Non-Negative Matrix Factorization with Missing Entries: A Random Projection Based Approach
Résumé
Non-negative Matrix Factorization (NMF) is a low-rank approximation tool which is very popular in signal processing, in image processing, and in machine learning [1]. It consists of factorizing a non-negative matrix by two non-negative matrices. While being extremely general, this problem finds many applications, including environmental data processing [2]. Unfortunately, classical NMF techniques are not well-suited to process very large data matrices. To solve such an issue, NMF has been recently combined with random projections (see, e.g., [3] and the references within). The latter is a distance-preserving dimension reduction technique based on randomized linear algebra [4].

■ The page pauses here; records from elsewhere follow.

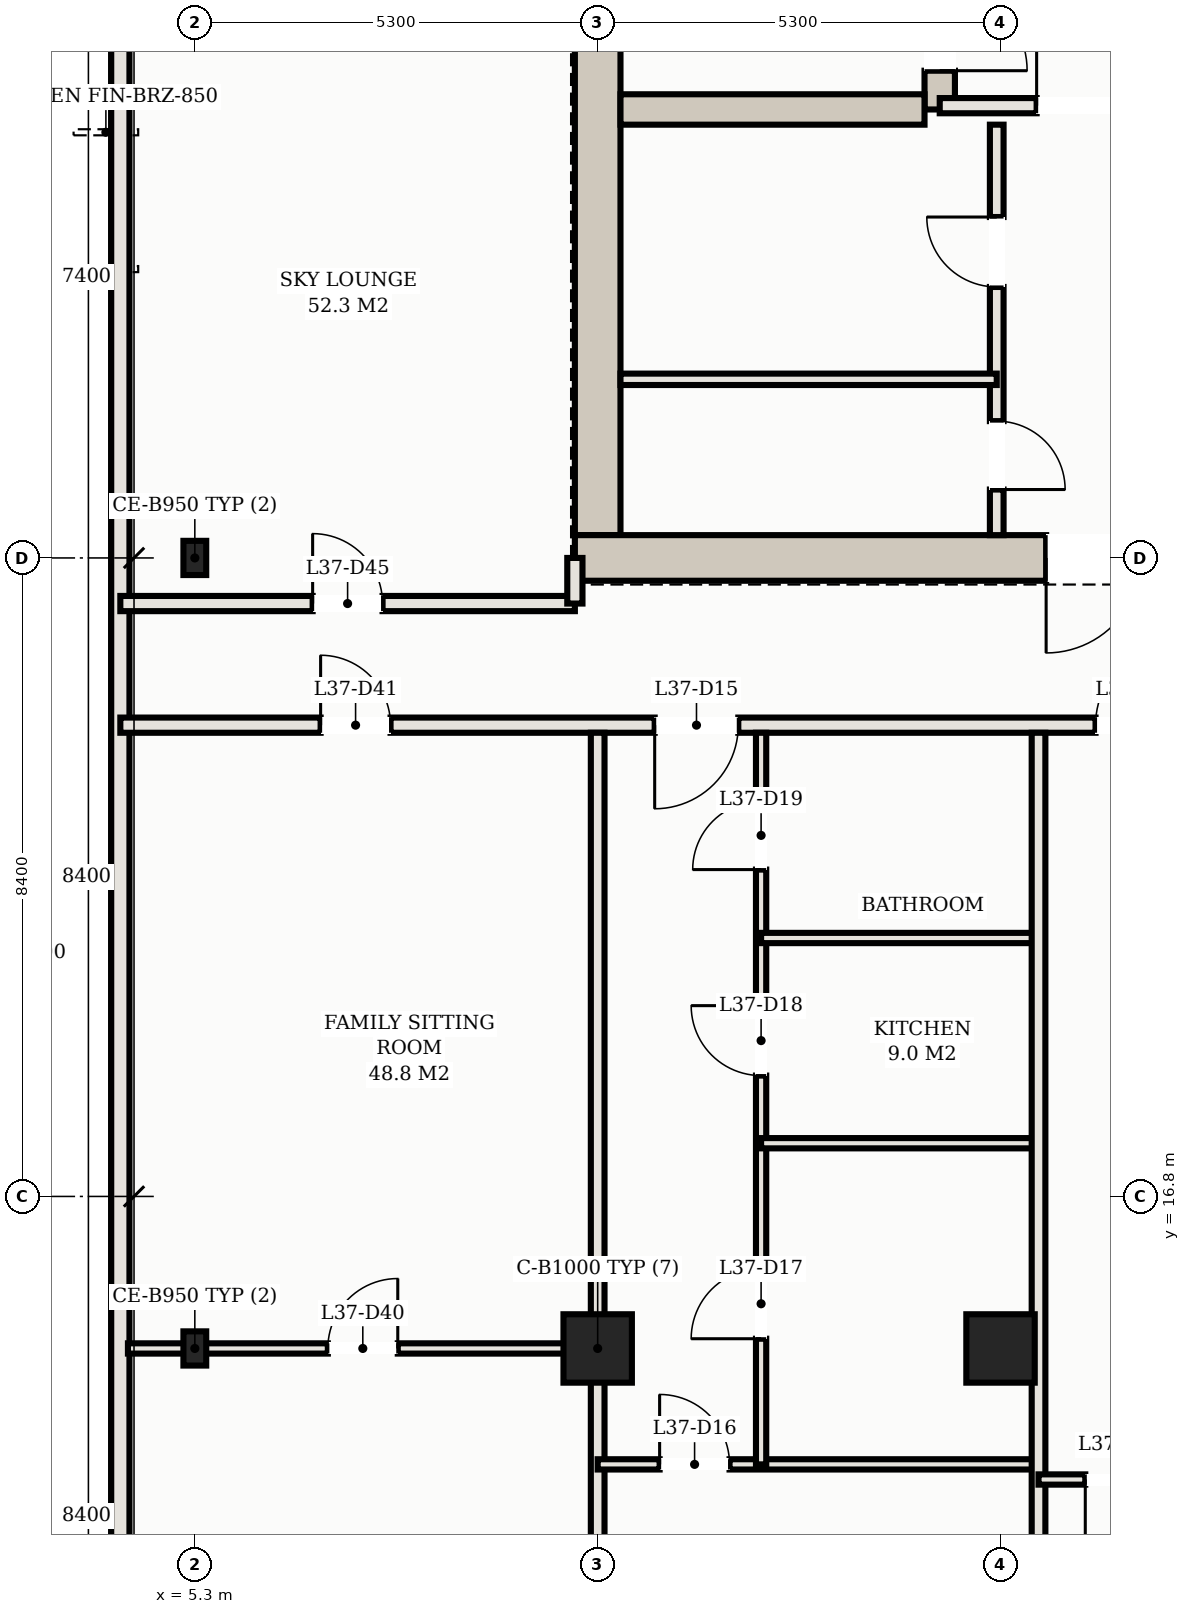
"""IFC4 building model, lengths in metres.
Left out: names, types, materials, properties, quantities, classifications, styles, units other than length and angle.
Written with IfcOpenShell. Run it as: python <this file> out.ifc"""

import sys

from ifc_helpers import new_model, si_unit, direction, frame, frame_2d, origin, origin_2d, place, context, subcontext, project, spatial, rectangle, hollow_rectangle, extrude, element, fill, save


model = new_model("IFC4")
c1 = context("Model", 3, precision=1e-05, world=origin(), true_north=direction((0.0, 1.0)))
c2 = subcontext(c1, "Body", "Model", "MODEL_VIEW")
j1 = project(units=[si_unit("LENGTHUNIT", "METRE"), si_unit("PLANEANGLEUNIT", "RADIAN")], contexts=[c1])
p1 = place(None, origin())
s1 = spatial("IfcSite", under=j1, at=p1, CompositionType="ELEMENT")
p2 = place(p1, origin())
s2 = spatial("IfcBuilding", under=s1, at=p2, CompositionType="ELEMENT")
p3 = place(p2, frame((0.0, 0.0, 139.2)))
s3 = spatial("IfcBuildingStorey", under=s2, at=p3, CompositionType="ELEMENT", Elevation=139.2)
p4 = place(p3, frame((10.6, 25.5, 0.0), z_axis=(0.0, 0.0, 1.0), x_axis=(0.0, 1.0, 0.0)))
e1 = element("IfcWall", 1, at=p4, inside=s3, PredefinedType="SHEAR", context=c2, shape_type="SweptSolid", body=[
    extrude(rectangle(XDim=14.2, YDim=0.6, at=frame_2d((7.1, 0.0))), origin(), (0.0, 0.0, 1.0), 3.1),
])
p5 = place(p3, frame((10.3, 25.2, 0.0), z_axis=(0.0, 0.0, 1.0), x_axis=(1.0, 0.0, 0.0)))
e2 = element("IfcWall", 2, at=p5, inside=s3, PredefinedType="SHEAR", context=c2, shape_type="SweptSolid", body=[
    extrude(rectangle(XDim=8.1, YDim=0.6, at=frame_2d((4.05, 0.0))), origin(), (0.0, 0.0, 1.0), 3.1),
])
p6 = place(p5, frame((6.2, 0.0, 0.0)))
e3 = element("IfcOpeningElement", 3, at=p6, cuts=e2, PredefinedType="OPENING", context=c2, shape_type="SweptSolid", body=[
    extrude(rectangle(XDim=1.25, YDim=2.2, at=frame_2d((0.625, 1.1))), frame((0.0, 0.31, 0.0), z_axis=(0.0, -1.0, 0.0), x_axis=(1.0, 0.0, 0.0)), (0.0, 0.0, 1.0), 0.62),
])
p7 = place(p3, frame((15.1, 31.1, 0.0), z_axis=(0.0, 0.0, 1.0), x_axis=(0.0, 1.0, 0.0)))
e4 = element("IfcWall", 4, at=p7, inside=s3, PredefinedType="SHEAR", context=c2, shape_type="SweptSolid", body=[
    extrude(rectangle(XDim=8.6, YDim=0.4, at=frame_2d((4.3, 0.0))), origin(), (0.0, 0.0, 1.0), 3.1),
])
p8 = place(p7, frame((0.51, 0.0, 0.0)))
e5 = element("IfcOpeningElement", 5, at=p8, cuts=e4, PredefinedType="OPENING", context=c2, shape_type="SweptSolid", body=[
    extrude(rectangle(XDim=1.15, YDim=2.2, at=frame_2d((0.575, 1.1))), frame((0.0, 0.21, 0.0), z_axis=(0.0, -1.0, 0.0), x_axis=(1.0, 0.0, 0.0)), (0.0, 0.0, 1.0), 0.42),
])
p9 = place(p3, frame((10.9, 31.1, 0.0), z_axis=(0.0, 0.0, 1.0), x_axis=(1.0, 0.0, 0.0)))
e6 = element("IfcWall", 6, at=p9, inside=s3, PredefinedType="SHEAR", context=c2, shape_type="SweptSolid", body=[
    extrude(rectangle(XDim=4.0, YDim=0.4, at=frame_2d((2.0, 0.0))), origin(), (0.0, 0.0, 1.0), 3.1),
])
for number, where, z_axis, x_axis in (
    (7, (10.6, 14.8, 0.0), (0.0, 0.0, 1.0), (1.0, 0.0, 0.0)),
    (8, (15.9, 14.8, 0.0), (0.0, 0.0, 1.0), (1.0, 0.0, 0.0)),
):
    element("IfcColumn", number, at=place(p3, frame(where, z_axis=z_axis, x_axis=x_axis)), inside=s3, PredefinedType="COLUMN", context=c2, shape_type="SweptSolid", body=[
        extrude(hollow_rectangle(XDim=0.9, YDim=0.9, WallThickness=0.032, at=origin_2d()), origin(), (0.0, 0.0, 1.0), 3.3),
    ])
for number, where, z_axis, x_axis in (
    (9, (5.3, 14.8, 0.0), (0.0, 0.0, 1.0), (1.0, 0.0, 0.0)),
    (10, (5.3, 25.2, 0.0), (0.0, 0.0, 1.0), (1.0, 0.0, 0.0)),
):
    element("IfcColumn", number, at=place(p3, frame(where, z_axis=z_axis, x_axis=x_axis)), inside=s3, PredefinedType="COLUMN", context=c2, shape_type="SweptSolid", body=[
        extrude(hollow_rectangle(XDim=0.3, YDim=0.45, WallThickness=0.016, at=origin_2d()), origin(), (0.0, 0.0, 1.0), 3.3),
    ])
p10 = place(p3, frame((4.32, 35.93, 0.0), z_axis=(0.0, 0.0, 1.0), x_axis=(0.0, -1.0, 0.0)))
e11 = element("IfcWall", 11, at=p10, inside=s3, PredefinedType="SOLIDWALL", context=c2, shape_type="SweptSolid", body=[
    extrude(rectangle(XDim=27.41, YDim=0.24, at=frame_2d((13.705, 0.0))), origin(), (0.0, 0.0, 1.0), 3.1),
])
p11 = place(p3, frame((15.1, 31.15, 0.0), z_axis=(0.0, 0.0, 1.0), x_axis=(1.0, 0.0, 0.0)))
e12 = element("IfcWall", 12, at=p11, inside=s3, PredefinedType="PARTITIONING", context=c2, shape_type="SweptSolid", body=[
    extrude(rectangle(XDim=3.25, YDim=0.2, at=frame_2d((1.625, 0.0))), origin(), (0.0, 0.0, 1.0), 2.38),
])
p12 = place(p11, frame((1.275, 0.0, 0.0)))
e13 = element("IfcOpeningElement", 13, at=p12, cuts=e12, PredefinedType="OPENING", context=c2, shape_type="SweptSolid", body=[
    extrude(rectangle(XDim=1.25, YDim=2.2, at=frame_2d((0.625, 1.1))), frame((0.0, 0.11, 0.0), z_axis=(0.0, -1.0, 0.0), x_axis=(1.0, 0.0, 0.0)), (0.0, 0.0, 1.0), 0.22),
])
p13 = place(p3, frame((15.85, 25.5, 0.0), z_axis=(0.0, 0.0, 1.0), x_axis=(0.0, 1.0, 0.0)))
e14 = element("IfcWall", 14, at=p13, inside=s3, PredefinedType="PARTITIONING", context=c2, shape_type="SweptSolid", body=[
    extrude(rectangle(XDim=5.4, YDim=0.18, at=frame_2d((2.7, 0.0))), origin(), (0.0, 0.0, 1.0), 2.38),
])
p14 = place(p13, frame((0.6, 0.0, 0.0)))
e15 = element("IfcOpeningElement", 15, at=p14, cuts=e14, PredefinedType="OPENING", context=c2, shape_type="SweptSolid", body=[
    extrude(rectangle(XDim=0.9, YDim=2.15, at=frame_2d((0.45, 1.075))), frame((0.0, 0.1, 0.0), z_axis=(0.0, -1.0, 0.0), x_axis=(1.0, 0.0, 0.0)), (0.0, 0.0, 1.0), 0.2),
])
p15 = place(p13, frame((3.265, 0.0, 0.0)))
e16 = element("IfcOpeningElement", 16, at=p15, cuts=e14, PredefinedType="OPENING", context=c2, shape_type="SweptSolid", body=[
    extrude(rectangle(XDim=0.92, YDim=2.15, at=frame_2d((0.46, 1.075))), frame((0.0, 0.1, 0.0), z_axis=(0.0, -1.0, 0.0), x_axis=(1.0, 0.0, 0.0)), (0.0, 0.0, 1.0), 0.2),
])
p16 = place(p3, frame((10.9, 27.55, 0.0), z_axis=(0.0, 0.0, 1.0), x_axis=(1.0, 0.0, 0.0)))
e17 = element("IfcWall", 17, at=p16, inside=s3, PredefinedType="PARTITIONING", context=c2, shape_type="SweptSolid", body=[
    extrude(rectangle(XDim=4.95, YDim=0.15, at=frame_2d((2.475, 0.0))), origin(), (0.0, 0.0, 1.0), 2.38),
])
p17 = place(p3, frame((4.32, 23.0, 0.0), z_axis=(0.0, 0.0, 1.0), x_axis=(1.0, 0.0, 0.0)))
e18 = element("IfcWall", 18, at=p17, inside=s3, PredefinedType="PARTITIONING", context=c2, shape_type="SweptSolid", body=[
    extrude(rectangle(XDim=44.36, YDim=0.2, at=frame_2d((22.18, 0.0))), origin(), (0.0, 0.0, 1.0), 2.38),
])
p18 = place(p17, frame((7.03, 0.0, 0.0)))
e19 = element("IfcOpeningElement", 19, at=p18, cuts=e18, PredefinedType="OPENING", context=c2, shape_type="SweptSolid", body=[
    extrude(rectangle(XDim=1.1, YDim=2.25, at=frame_2d((0.55, 1.125))), frame((0.0, 0.11, 0.0), z_axis=(0.0, -1.0, 0.0), x_axis=(1.0, 0.0, 0.0)), (0.0, 0.0, 1.0), 0.22),
])
p19 = place(p17, frame((12.83, 0.0, 0.0)))
e20 = element("IfcOpeningElement", 20, at=p19, cuts=e18, PredefinedType="OPENING", context=c2, shape_type="SweptSolid", body=[
    extrude(rectangle(XDim=1.1, YDim=2.25, at=frame_2d((0.55, 1.125))), frame((0.0, 0.11, 0.0), z_axis=(0.0, -1.0, 0.0), x_axis=(1.0, 0.0, 0.0)), (0.0, 0.0, 1.0), 0.22),
])
p20 = place(p17, frame((17.63, 0.0, 0.0)))
e21 = element("IfcOpeningElement", 21, at=p20, cuts=e18, PredefinedType="OPENING", context=c2, shape_type="SweptSolid", body=[
    extrude(rectangle(XDim=1.1, YDim=2.25, at=frame_2d((0.55, 1.125))), frame((0.0, 0.11, 0.0), z_axis=(0.0, -1.0, 0.0), x_axis=(1.0, 0.0, 0.0)), (0.0, 0.0, 1.0), 0.22),
])
p21 = place(p17, frame((28.23, 0.0, 0.0)))
e22 = element("IfcOpeningElement", 22, at=p21, cuts=e18, PredefinedType="OPENING", context=c2, shape_type="SweptSolid", body=[
    extrude(rectangle(XDim=1.1, YDim=2.25, at=frame_2d((0.55, 1.125))), frame((0.0, 0.11, 0.0), z_axis=(0.0, -1.0, 0.0), x_axis=(1.0, 0.0, 0.0)), (0.0, 0.0, 1.0), 0.22),
])
p22 = place(p17, frame((2.635, 0.0, 0.0)))
e23 = element("IfcOpeningElement", 23, at=p22, cuts=e18, PredefinedType="OPENING", context=c2, shape_type="SweptSolid", body=[
    extrude(rectangle(XDim=0.92, YDim=2.15, at=frame_2d((0.46, 1.075))), frame((0.0, 0.11, 0.0), z_axis=(0.0, -1.0, 0.0), x_axis=(1.0, 0.0, 0.0)), (0.0, 0.0, 1.0), 0.22),
])
p23 = place(p17, frame((40.805, 0.0, 0.0)))
e24 = element("IfcOpeningElement", 24, at=p23, cuts=e18, PredefinedType="OPENING", context=c2, shape_type="SweptSolid", body=[
    extrude(rectangle(XDim=0.92, YDim=2.15, at=frame_2d((0.46, 1.075))), frame((0.0, 0.11, 0.0), z_axis=(0.0, -1.0, 0.0), x_axis=(1.0, 0.0, 0.0)), (0.0, 0.0, 1.0), 0.22),
])
p24 = place(p3, frame((4.32, 24.6, 0.0), z_axis=(0.0, 0.0, 1.0), x_axis=(1.0, 0.0, 0.0)))
e25 = element("IfcWall", 25, at=p24, inside=s3, PredefinedType="PARTITIONING", context=c2, shape_type="SweptSolid", body=[
    extrude(rectangle(XDim=5.98, YDim=0.2, at=frame_2d((2.99, 0.0))), origin(), (0.0, 0.0, 1.0), 2.38),
])
p25 = place(p24, frame((2.53, 0.0, 0.0)))
e26 = element("IfcOpeningElement", 26, at=p25, cuts=e25, PredefinedType="OPENING", context=c2, shape_type="SweptSolid", body=[
    extrude(rectangle(XDim=0.92, YDim=2.15, at=frame_2d((0.46, 1.075))), frame((0.0, 0.11, 0.0), z_axis=(0.0, -1.0, 0.0), x_axis=(1.0, 0.0, 0.0)), (0.0, 0.0, 1.0), 0.22),
])
p26 = place(p3, frame((10.3, 24.6, 0.0), z_axis=(0.0, 0.0, 1.0), x_axis=(0.0, 1.0, 0.0)))
e27 = element("IfcWall", 27, at=p26, inside=s3, PredefinedType="PARTITIONING", context=c2, shape_type="SweptSolid", body=[
    extrude(rectangle(XDim=0.6, YDim=0.2, at=frame_2d((0.3, 0.0))), origin(), (0.0, 0.0, 1.0), 2.38),
])
p27 = place(p3, frame((10.6, 3.62, 0.0), z_axis=(0.0, 0.0, 1.0), x_axis=(0.0, 1.0, 0.0)))
e28 = element("IfcWall", 28, at=p27, inside=s3, PredefinedType="PARTITIONING", context=c2, shape_type="SweptSolid", body=[
    extrude(rectangle(XDim=19.28, YDim=0.18, at=frame_2d((9.64, 0.0))), origin(), (0.0, 0.0, 1.0), 2.38),
])
p28 = place(p3, frame((10.6, 13.275, 0.0), z_axis=(0.0, 0.0, 1.0), x_axis=(1.0, 0.0, 0.0)))
e29 = element("IfcWall", 29, at=p28, inside=s3, PredefinedType="PARTITIONING", context=c2, shape_type="SweptSolid", body=[
    extrude(rectangle(XDim=5.8, YDim=0.135, at=frame_2d((2.9, 0.0))), origin(), (0.0, 0.0, 1.0), 2.38),
])
p29 = place(p28, frame((0.815, 0.0, 0.0)))
e30 = element("IfcOpeningElement", 30, at=p29, cuts=e29, PredefinedType="OPENING", context=c2, shape_type="SweptSolid", body=[
    extrude(rectangle(XDim=0.92, YDim=2.15, at=frame_2d((0.46, 1.075))), frame((0.0, 0.078, 0.0), z_axis=(0.0, -1.0, 0.0), x_axis=(1.0, 0.0, 0.0)), (0.0, 0.0, 1.0), 0.155),
])
p30 = place(p3, frame((12.75, 13.275, 0.0), z_axis=(0.0, 0.0, 1.0), x_axis=(0.0, 1.0, 0.0)))
e31 = element("IfcWall", 31, at=p30, inside=s3, PredefinedType="PARTITIONING", context=c2, shape_type="SweptSolid", body=[
    extrude(rectangle(XDim=9.625, YDim=0.135, at=frame_2d((4.812, 0.0))), origin(), (0.0, 0.0, 1.0), 2.38),
])
p31 = place(p30, frame((1.653, 0.0, 0.0)))
e32 = element("IfcOpeningElement", 32, at=p31, cuts=e31, PredefinedType="OPENING", context=c2, shape_type="SweptSolid", body=[
    extrude(rectangle(XDim=0.92, YDim=2.15, at=frame_2d((0.46, 1.075))), frame((0.0, 0.078, 0.0), z_axis=(0.0, -1.0, 0.0), x_axis=(1.0, 0.0, 0.0)), (0.0, 0.0, 1.0), 0.155),
])
p32 = place(p30, frame((5.115, 0.0, 0.0)))
e33 = element("IfcOpeningElement", 33, at=p32, cuts=e31, PredefinedType="OPENING", context=c2, shape_type="SweptSolid", body=[
    extrude(rectangle(XDim=0.92, YDim=2.15, at=frame_2d((0.46, 1.075))), frame((0.0, 0.078, 0.0), z_axis=(0.0, -1.0, 0.0), x_axis=(1.0, 0.0, 0.0)), (0.0, 0.0, 1.0), 0.155),
])
p33 = place(p30, frame((7.825, 0.0, 0.0)))
e34 = element("IfcOpeningElement", 34, at=p33, cuts=e31, PredefinedType="OPENING", context=c2, shape_type="SweptSolid", body=[
    extrude(rectangle(XDim=0.9, YDim=2.15, at=frame_2d((0.45, 1.075))), frame((0.0, 0.078, 0.0), z_axis=(0.0, -1.0, 0.0), x_axis=(1.0, 0.0, 0.0)), (0.0, 0.0, 1.0), 0.155),
])
for number, where, z_axis, x_axis in (
    (35, (12.75, 17.5, 0.0), (0.0, 0.0, 1.0), (1.0, 0.0, 0.0)),
    (36, (12.75, 20.2, 0.0), (0.0, 0.0, 1.0), (1.0, 0.0, 0.0)),
):
    element("IfcWall", number, at=place(p3, frame(where, z_axis=z_axis, x_axis=x_axis)), inside=s3, PredefinedType="PARTITIONING", context=c2, shape_type="SweptSolid", body=[
        extrude(rectangle(XDim=3.65, YDim=0.135, at=frame_2d((1.825, 0.0))), origin(), (0.0, 0.0, 1.0), 2.38),
    ])
p34 = place(p3, frame((16.4, 3.62, 0.0), z_axis=(0.0, 0.0, 1.0), x_axis=(0.0, 1.0, 0.0)))
e37 = element("IfcWall", 37, at=p34, inside=s3, PredefinedType="PARTITIONING", context=c2, shape_type="SweptSolid", body=[
    extrude(rectangle(XDim=19.28, YDim=0.18, at=frame_2d((9.64, 0.0))), origin(), (0.0, 0.0, 1.0), 2.38),
])
p35 = place(p3, frame((16.4, 13.076, 0.0), z_axis=(0.0, 0.0, 1.0), x_axis=(1.0, 0.0, 0.0)))
e38 = element("IfcWall", 38, at=p35, inside=s3, PredefinedType="PARTITIONING", context=c2, shape_type="SweptSolid", body=[
    extrude(rectangle(XDim=4.8, YDim=0.135, at=frame_2d((2.4, 0.0))), origin(), (0.0, 0.0, 1.0), 2.38),
])
p36 = place(p35, frame((0.615, 0.0, 0.0)))
e39 = element("IfcOpeningElement", 39, at=p36, cuts=e38, PredefinedType="OPENING", context=c2, shape_type="SweptSolid", body=[
    extrude(rectangle(XDim=0.92, YDim=2.15, at=frame_2d((0.46, 1.075))), frame((0.0, 0.078, 0.0), z_axis=(0.0, -1.0, 0.0), x_axis=(1.0, 0.0, 0.0)), (0.0, 0.0, 1.0), 0.155),
])
p37 = place(p3, frame((4.42, 14.8, 0.0), z_axis=(0.0, 0.0, 1.0), x_axis=(1.0, 0.0, 0.0)))
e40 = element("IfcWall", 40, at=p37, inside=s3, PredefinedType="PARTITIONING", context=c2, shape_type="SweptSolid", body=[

However, random projections cannot be applied in the case of missing entries in the matrix to factorize, which occurs in many actual problems with large data matrices, e.g., mobile sensor calibration [5]. Our contribution to solve this issue lies in proposing a novel framework to apply random projections in a weighted NMF, where the weight models the confidence in the data (or the absence of confidence in the case of missing data) [6]. We experimentally show the proposed framework to significantly speed-up state-of-the-art NMF methods under some mild conditions. In particular, the proposed strategy is particularly efficient when combined with Nesterov gradient or alternating least squares.